Current Office policy requires examination of all species of a claim that recites a Markush group when the alternatives are sufficiently few in number or so closely related that search and examination can be made without serious burden. Even where the search and examination of a claim that has "unity of invention" would require serious burden, the examiner must determine the patentability of the claim. In such case, however, the examiner may require applicant to elect a single species under 37 CFR 1.146 for initial search and examination to facilitate examination on the merits. If the elected species is not allowable, examination of the Markush claim will be limited to the elected species and any species not patentably distinct therefrom, and any separate claims to the elected species and any species not patentably distinct therefrom. Claims that drawn to species patentably distinct from the elected species are held withdrawn from further consideration. If the elected species is allowable, then the search and examination of the Markush claim will be extended to non-elected species to the extent necessary to determine patentability of the claim. See MPEP 803.02.
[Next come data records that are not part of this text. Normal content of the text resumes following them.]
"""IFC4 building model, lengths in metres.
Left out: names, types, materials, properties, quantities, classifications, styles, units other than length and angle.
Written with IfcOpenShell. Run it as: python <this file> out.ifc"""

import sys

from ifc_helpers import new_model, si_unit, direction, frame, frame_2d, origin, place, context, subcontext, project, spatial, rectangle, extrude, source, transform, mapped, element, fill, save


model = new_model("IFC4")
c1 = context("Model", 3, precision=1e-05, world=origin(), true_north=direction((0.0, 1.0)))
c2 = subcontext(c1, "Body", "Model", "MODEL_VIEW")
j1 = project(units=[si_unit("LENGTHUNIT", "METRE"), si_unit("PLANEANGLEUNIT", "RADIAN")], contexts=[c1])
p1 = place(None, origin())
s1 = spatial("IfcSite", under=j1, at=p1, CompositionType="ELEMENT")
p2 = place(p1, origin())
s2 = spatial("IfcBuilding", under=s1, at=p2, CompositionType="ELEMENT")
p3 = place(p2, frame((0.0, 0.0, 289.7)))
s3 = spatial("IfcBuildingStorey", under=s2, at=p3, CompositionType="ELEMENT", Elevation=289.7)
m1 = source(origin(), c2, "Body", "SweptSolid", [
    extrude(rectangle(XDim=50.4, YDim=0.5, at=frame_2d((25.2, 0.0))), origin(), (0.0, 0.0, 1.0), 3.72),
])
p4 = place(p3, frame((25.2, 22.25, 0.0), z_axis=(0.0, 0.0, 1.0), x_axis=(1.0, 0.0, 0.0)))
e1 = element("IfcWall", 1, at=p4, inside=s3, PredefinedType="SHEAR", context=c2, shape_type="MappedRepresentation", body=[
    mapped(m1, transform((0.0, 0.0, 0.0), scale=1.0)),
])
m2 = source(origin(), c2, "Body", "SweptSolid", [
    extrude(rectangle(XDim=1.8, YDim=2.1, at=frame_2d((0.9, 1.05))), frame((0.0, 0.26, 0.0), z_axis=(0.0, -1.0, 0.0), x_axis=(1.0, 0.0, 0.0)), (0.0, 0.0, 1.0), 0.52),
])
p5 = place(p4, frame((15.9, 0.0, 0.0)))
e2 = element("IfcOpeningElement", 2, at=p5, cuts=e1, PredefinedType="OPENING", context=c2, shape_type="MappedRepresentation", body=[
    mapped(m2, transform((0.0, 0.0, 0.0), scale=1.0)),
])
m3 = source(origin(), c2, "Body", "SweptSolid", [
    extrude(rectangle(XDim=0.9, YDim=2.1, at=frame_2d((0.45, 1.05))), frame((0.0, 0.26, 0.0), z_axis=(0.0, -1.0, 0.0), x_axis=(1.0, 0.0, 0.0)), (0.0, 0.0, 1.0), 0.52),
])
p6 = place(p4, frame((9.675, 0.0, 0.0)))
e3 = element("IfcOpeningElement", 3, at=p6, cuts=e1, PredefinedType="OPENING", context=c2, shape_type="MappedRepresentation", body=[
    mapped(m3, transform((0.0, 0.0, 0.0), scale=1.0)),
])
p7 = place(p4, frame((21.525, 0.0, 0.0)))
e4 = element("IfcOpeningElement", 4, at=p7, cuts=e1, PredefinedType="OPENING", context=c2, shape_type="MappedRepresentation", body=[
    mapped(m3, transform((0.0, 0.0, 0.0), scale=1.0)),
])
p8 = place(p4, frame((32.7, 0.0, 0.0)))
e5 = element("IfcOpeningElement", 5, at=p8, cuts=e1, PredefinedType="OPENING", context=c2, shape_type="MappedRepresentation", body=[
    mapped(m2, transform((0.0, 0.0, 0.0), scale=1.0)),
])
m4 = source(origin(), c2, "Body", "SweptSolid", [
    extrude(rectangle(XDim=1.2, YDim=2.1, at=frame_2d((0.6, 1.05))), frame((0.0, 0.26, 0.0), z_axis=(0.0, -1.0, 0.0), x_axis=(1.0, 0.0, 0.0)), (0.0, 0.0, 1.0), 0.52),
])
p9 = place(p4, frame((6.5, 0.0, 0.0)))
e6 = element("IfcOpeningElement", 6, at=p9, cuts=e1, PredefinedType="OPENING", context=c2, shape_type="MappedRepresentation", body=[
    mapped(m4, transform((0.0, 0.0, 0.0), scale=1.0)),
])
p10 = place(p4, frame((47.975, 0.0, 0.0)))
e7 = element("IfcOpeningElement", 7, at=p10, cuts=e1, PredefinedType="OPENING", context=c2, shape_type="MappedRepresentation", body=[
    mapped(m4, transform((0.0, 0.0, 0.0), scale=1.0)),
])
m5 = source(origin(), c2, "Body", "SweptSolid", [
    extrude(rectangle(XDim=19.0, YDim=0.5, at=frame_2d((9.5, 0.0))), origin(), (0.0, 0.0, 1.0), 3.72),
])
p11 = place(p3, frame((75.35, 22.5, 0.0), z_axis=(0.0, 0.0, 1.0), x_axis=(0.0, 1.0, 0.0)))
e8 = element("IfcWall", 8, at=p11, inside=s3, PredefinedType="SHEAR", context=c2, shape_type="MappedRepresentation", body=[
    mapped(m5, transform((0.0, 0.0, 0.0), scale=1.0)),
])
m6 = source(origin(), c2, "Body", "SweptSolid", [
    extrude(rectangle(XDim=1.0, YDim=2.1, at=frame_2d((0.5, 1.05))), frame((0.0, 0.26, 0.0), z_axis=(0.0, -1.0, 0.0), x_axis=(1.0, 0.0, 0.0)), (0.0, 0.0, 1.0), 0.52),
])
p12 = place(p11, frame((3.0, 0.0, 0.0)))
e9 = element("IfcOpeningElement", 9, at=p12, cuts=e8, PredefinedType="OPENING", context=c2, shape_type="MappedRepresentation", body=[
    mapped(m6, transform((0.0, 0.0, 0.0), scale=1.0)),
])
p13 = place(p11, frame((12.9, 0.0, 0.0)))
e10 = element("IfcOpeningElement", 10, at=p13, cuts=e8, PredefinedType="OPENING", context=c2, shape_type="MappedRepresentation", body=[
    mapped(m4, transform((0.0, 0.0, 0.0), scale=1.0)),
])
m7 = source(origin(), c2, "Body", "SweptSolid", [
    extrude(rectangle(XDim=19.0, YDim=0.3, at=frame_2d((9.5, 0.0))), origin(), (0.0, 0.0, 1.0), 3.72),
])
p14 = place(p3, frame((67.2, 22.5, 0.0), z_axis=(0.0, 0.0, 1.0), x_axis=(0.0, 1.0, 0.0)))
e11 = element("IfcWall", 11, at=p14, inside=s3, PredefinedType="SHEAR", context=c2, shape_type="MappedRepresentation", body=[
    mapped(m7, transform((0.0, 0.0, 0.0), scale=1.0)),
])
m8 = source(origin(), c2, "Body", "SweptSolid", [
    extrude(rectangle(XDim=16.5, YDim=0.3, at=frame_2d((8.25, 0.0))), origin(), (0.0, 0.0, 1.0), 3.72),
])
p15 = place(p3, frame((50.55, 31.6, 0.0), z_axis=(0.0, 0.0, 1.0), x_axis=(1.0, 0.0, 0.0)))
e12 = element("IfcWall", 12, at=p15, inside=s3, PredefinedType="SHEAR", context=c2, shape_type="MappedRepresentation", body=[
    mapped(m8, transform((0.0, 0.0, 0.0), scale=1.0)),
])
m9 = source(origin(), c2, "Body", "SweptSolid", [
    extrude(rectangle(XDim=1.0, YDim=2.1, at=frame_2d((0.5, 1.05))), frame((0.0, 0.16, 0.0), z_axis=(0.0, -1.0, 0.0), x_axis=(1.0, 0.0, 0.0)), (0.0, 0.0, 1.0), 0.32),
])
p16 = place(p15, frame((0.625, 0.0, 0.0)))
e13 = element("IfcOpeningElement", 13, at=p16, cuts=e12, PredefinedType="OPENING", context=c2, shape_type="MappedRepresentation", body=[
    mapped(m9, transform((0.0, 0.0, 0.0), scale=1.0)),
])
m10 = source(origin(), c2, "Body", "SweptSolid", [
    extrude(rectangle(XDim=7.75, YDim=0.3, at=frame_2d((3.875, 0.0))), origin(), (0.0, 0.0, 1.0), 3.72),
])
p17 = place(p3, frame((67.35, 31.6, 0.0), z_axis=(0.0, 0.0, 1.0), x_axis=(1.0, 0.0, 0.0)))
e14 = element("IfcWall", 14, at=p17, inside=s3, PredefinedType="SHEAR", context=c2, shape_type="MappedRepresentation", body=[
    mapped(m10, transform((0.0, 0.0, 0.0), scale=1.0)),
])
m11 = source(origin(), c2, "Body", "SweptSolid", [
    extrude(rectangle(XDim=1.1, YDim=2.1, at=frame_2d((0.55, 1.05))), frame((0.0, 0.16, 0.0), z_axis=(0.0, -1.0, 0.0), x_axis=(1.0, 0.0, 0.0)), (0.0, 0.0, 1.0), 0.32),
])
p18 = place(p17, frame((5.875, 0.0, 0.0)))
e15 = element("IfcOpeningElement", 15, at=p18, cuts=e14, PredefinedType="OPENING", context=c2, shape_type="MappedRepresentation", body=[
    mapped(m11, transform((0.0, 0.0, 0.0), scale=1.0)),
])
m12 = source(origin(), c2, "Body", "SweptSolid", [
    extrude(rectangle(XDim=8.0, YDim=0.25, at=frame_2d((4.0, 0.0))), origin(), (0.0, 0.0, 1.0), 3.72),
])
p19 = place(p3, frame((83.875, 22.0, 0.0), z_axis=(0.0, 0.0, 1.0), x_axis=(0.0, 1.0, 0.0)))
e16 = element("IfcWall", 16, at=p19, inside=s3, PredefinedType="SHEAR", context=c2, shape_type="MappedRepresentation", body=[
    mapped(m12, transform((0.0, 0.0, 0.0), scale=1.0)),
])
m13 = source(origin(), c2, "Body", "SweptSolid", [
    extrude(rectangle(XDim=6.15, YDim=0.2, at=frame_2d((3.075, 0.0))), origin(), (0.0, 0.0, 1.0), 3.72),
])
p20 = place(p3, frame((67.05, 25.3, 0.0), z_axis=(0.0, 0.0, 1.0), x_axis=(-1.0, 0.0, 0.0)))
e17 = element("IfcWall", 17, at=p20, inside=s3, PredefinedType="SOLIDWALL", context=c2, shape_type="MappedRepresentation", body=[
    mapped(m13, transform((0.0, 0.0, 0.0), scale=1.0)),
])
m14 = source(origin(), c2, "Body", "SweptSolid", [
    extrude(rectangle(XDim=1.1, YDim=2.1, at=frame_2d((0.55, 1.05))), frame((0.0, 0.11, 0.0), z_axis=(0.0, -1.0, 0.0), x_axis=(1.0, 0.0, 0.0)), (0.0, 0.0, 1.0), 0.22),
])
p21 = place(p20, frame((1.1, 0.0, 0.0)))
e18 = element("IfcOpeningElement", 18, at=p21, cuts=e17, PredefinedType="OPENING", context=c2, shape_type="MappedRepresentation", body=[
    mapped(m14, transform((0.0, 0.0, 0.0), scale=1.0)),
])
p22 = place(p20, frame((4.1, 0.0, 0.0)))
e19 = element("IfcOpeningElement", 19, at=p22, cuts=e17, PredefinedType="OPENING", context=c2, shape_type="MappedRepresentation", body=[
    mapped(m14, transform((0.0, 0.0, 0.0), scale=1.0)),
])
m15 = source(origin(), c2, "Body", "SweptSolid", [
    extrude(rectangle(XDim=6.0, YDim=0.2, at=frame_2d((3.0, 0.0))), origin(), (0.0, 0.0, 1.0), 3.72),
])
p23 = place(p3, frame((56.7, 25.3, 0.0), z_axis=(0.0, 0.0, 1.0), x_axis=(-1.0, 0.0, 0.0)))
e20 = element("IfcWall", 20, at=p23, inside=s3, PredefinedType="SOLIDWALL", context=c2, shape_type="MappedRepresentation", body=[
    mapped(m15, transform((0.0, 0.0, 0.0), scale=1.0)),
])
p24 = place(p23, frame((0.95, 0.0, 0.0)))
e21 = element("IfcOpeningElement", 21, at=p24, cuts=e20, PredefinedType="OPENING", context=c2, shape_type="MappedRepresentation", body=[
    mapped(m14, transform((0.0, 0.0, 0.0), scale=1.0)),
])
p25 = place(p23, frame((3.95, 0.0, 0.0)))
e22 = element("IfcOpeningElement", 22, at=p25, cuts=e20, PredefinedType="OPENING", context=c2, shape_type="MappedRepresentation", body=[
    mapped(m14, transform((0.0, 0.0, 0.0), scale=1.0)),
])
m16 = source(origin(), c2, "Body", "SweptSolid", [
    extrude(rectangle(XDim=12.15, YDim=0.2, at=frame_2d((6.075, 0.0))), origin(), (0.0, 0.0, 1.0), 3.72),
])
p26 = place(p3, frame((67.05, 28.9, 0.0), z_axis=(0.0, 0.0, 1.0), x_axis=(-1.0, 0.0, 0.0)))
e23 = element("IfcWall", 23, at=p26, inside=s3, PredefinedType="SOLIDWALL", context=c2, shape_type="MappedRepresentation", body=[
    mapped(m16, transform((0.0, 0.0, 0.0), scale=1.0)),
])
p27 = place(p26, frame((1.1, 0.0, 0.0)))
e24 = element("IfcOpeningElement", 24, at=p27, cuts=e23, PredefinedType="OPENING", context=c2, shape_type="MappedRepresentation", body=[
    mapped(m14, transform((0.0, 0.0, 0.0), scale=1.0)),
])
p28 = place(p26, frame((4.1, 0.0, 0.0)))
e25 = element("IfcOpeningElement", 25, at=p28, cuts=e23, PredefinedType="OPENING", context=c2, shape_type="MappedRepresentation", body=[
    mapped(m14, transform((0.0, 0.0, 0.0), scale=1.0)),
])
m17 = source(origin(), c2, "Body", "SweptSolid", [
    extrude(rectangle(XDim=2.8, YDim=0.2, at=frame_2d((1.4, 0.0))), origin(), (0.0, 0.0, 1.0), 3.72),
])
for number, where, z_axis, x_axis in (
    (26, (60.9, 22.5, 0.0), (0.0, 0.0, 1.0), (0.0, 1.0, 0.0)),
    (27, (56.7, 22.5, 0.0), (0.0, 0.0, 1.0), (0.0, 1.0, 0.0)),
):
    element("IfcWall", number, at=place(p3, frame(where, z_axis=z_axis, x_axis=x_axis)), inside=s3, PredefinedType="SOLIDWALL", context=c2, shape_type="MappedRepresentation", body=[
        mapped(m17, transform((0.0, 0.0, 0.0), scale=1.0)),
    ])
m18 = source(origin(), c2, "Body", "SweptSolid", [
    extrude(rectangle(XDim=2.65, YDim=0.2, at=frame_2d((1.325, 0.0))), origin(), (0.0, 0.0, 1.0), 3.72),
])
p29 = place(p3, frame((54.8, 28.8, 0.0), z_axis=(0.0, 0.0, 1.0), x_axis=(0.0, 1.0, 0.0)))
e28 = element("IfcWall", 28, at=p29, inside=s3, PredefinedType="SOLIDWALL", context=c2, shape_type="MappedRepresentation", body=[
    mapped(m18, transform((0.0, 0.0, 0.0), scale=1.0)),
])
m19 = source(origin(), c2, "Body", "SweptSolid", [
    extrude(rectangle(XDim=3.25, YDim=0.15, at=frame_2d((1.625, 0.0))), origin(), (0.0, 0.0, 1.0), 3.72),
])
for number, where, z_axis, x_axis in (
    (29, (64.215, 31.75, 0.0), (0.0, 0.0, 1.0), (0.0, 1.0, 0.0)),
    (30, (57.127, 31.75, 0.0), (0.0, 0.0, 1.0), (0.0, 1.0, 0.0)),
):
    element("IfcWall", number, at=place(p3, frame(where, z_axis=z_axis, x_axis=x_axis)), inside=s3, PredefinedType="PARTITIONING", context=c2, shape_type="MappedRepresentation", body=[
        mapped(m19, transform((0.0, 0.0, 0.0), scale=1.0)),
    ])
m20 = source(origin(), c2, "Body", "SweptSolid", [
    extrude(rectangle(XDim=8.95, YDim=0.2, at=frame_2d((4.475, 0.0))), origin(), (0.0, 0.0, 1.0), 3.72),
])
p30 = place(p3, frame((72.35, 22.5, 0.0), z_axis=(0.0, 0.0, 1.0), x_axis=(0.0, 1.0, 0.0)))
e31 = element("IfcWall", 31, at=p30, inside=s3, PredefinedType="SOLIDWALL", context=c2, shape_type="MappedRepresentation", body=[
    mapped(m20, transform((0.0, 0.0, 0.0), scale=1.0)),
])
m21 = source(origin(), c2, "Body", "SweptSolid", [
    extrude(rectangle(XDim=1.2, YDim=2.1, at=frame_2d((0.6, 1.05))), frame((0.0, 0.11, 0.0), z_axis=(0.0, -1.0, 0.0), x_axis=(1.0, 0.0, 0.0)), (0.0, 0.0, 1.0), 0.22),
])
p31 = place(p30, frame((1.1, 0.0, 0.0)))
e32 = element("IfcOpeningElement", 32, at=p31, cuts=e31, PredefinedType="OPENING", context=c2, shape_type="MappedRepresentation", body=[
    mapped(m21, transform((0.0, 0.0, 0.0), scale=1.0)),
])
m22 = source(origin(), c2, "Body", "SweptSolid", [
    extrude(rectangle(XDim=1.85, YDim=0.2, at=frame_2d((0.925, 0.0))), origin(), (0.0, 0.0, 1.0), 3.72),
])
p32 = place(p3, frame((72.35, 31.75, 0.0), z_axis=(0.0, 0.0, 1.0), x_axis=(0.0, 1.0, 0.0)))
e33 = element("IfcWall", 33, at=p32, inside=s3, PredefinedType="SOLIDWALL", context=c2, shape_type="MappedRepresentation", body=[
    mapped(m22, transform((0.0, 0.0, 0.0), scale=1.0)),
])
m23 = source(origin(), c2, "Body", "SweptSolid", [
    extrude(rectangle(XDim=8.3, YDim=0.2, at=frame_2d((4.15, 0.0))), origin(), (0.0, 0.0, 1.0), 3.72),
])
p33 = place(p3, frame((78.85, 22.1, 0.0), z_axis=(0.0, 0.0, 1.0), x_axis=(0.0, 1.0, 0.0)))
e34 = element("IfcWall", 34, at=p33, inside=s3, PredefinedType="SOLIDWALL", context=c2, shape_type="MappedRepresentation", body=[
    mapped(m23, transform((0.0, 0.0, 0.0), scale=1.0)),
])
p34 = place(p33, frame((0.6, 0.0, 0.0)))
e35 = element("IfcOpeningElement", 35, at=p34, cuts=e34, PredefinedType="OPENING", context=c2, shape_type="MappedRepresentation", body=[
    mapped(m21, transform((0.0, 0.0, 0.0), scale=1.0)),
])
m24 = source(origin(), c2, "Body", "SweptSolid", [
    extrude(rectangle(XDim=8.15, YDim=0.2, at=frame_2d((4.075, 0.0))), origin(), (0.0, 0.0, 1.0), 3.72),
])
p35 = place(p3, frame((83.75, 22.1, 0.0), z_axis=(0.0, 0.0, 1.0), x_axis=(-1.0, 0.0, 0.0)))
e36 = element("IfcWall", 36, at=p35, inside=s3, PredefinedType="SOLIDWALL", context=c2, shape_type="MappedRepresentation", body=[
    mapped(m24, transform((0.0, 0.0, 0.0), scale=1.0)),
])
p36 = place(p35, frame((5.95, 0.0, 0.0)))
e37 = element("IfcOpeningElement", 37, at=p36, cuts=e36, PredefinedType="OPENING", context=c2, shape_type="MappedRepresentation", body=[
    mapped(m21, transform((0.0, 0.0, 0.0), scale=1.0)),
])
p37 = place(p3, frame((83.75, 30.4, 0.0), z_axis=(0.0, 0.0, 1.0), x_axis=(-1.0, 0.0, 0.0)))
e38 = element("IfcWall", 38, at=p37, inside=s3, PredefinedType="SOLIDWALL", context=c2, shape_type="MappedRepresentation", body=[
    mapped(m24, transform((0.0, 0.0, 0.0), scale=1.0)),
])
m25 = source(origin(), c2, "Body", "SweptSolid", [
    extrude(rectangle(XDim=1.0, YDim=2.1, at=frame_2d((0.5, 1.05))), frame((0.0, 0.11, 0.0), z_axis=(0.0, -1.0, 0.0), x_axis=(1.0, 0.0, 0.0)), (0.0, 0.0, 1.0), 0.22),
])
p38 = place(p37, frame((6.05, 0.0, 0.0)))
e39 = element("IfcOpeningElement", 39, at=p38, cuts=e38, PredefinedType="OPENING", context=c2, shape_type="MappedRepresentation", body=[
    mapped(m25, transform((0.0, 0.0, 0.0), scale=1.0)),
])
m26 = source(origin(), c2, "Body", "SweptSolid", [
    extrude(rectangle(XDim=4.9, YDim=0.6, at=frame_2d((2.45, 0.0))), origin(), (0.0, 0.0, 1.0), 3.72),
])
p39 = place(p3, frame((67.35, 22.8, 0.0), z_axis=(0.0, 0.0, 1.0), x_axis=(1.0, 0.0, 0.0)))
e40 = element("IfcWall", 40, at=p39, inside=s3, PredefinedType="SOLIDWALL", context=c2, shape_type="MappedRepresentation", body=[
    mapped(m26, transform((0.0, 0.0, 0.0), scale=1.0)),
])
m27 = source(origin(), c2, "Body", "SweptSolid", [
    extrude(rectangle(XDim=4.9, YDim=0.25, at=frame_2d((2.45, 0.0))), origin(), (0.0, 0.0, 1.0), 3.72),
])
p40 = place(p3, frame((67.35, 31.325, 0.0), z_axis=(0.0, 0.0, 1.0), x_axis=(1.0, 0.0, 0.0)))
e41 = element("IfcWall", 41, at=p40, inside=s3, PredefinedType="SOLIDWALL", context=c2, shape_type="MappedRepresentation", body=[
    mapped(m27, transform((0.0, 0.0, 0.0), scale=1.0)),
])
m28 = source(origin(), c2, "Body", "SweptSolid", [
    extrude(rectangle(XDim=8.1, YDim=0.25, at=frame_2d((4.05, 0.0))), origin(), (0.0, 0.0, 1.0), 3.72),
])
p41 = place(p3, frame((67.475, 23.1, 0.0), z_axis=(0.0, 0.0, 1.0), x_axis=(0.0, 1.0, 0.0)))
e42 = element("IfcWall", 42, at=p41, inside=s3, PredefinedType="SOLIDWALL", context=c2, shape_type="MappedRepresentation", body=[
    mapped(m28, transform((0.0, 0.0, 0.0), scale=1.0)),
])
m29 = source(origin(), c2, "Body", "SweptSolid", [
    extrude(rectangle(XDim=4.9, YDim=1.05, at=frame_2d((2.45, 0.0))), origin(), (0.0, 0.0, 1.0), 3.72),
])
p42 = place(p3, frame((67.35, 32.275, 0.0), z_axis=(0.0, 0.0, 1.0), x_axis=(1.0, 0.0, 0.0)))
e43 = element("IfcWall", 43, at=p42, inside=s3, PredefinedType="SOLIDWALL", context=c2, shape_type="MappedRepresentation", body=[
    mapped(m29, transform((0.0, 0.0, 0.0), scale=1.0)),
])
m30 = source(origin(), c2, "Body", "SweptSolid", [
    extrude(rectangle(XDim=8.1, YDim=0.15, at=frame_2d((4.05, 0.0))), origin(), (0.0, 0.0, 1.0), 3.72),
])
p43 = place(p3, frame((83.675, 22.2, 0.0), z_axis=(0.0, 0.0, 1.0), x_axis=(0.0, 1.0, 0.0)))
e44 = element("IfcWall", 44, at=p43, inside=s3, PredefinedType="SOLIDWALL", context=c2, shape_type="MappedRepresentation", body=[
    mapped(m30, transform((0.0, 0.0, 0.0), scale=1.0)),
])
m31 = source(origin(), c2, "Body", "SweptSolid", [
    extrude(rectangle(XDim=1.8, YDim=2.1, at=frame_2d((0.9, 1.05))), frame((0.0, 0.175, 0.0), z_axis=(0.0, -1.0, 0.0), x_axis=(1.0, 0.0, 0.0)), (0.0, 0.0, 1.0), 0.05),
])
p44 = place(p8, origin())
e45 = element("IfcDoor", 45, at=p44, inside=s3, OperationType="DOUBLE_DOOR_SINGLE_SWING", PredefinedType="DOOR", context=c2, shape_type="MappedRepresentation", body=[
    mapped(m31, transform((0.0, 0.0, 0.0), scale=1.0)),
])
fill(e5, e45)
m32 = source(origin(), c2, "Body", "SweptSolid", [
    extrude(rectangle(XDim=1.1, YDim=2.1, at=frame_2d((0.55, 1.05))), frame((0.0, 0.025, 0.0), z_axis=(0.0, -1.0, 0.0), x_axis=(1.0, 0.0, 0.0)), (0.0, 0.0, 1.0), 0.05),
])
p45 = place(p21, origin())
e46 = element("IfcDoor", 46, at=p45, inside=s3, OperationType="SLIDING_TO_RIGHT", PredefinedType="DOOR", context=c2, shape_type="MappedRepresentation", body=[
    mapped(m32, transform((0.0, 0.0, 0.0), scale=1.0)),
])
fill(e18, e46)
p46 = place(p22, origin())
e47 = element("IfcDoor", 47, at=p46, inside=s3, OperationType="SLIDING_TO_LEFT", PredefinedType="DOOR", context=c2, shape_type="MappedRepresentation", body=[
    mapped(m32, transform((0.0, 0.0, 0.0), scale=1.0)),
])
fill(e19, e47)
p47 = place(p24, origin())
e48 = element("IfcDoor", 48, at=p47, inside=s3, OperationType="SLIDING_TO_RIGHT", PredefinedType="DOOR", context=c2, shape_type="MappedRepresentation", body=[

According to the Notice, Markush and other alternative formats are being used to claim multiple inventions and/or to recite hundreds, if not thousands, of alternative embodiments of a single invention in one claim. Proper search of such complex claims often consume a disproportionate amount of Office resources as compared to other types of claims. The prosecution of these complex claims likewise requires separate examination and patentability determinations for each of the alternatives within the claim, e.g., if the alternatives raise separate prior art, enablement, or utility issues. Furthermore, the variety and frequency of alternatives recited in claims filed in applications pending before the Office, driven in part by trends in emerging technologies, have exacerbated problems with pendency.
Under the proposed rules, claims that recite alternatives will have to meet two new requirements:
1. Each Claim Must Be Limited to a Single Invention
In addition to proposing a requirement limiting a claim to a single invention, the Office is proposing to specify that when subject matter that reads on multiple species is defined in a single claim using alternative language, the claim is limited to a single invention when at least one of the following two conditions is met: (1) All of the species encompassed by the claim share a substantial feature essential for a common utility, or (2) all of the species are prima facie obvious over each other. The Office proposes to encourage applicants, when filing a claim that employs alternative language, to provide an explanation as to why the claim is directed to a single invention.
The Office also proposes that applicants using alternative formats in continuation-in-part applications must identify which claim or claims in the application are disclosed in the manner provided by the first paragraph of 35 U.S.C. 112 in the prior-filed application. This proposal would reduce examination complexities and identify situations wherein a prior art reference that anticipates or renders prima facie obvious at least one species within the scope of a claim would not be available as prior art against another species if that species was set forth in a separate claim.
2. New Format Requirements for a Claim With Species Presented as a Set of Alternatives
A simplified format for the presentation of such claims must be met by any claim that uses alternative language. The Office proposes to adopt language similar to that in the PCT Guidelines, specifically requiring that the number and presentation of alternatives in the claim not make the claim difficult to construe, and requiring that each alternative within a list of alternatives must be substitutable one for another. (PCT Guidelines (paragraph 5.18) specifies that a claim can contain alternatives ‘‘provided those alternatives are of a similar nature and can fairly be substituted one for another, and provided also that the number and presentation of alternatives is a single claim does not make the claim obscure or difficult to construe.’’)
In addition, to reduce the complexity of determining whether a claim is directed to a single invention, the Office proposes to specify that no alternative may itself be defined as a set of further alternatives. Finally, the Office proposes to specify that no alternative may be encompassed by any other alternative within a list of alternatives, unless there is no other practical way to define the invention. In other words, applicants should file a series of individual claims from the broadest scope that they feel they are entitled to the narrowest scope they are willing to accept. Put differently, applicant should narrow the scope of protection sought via separate claims, and not via nested sets of overlapping alternatives.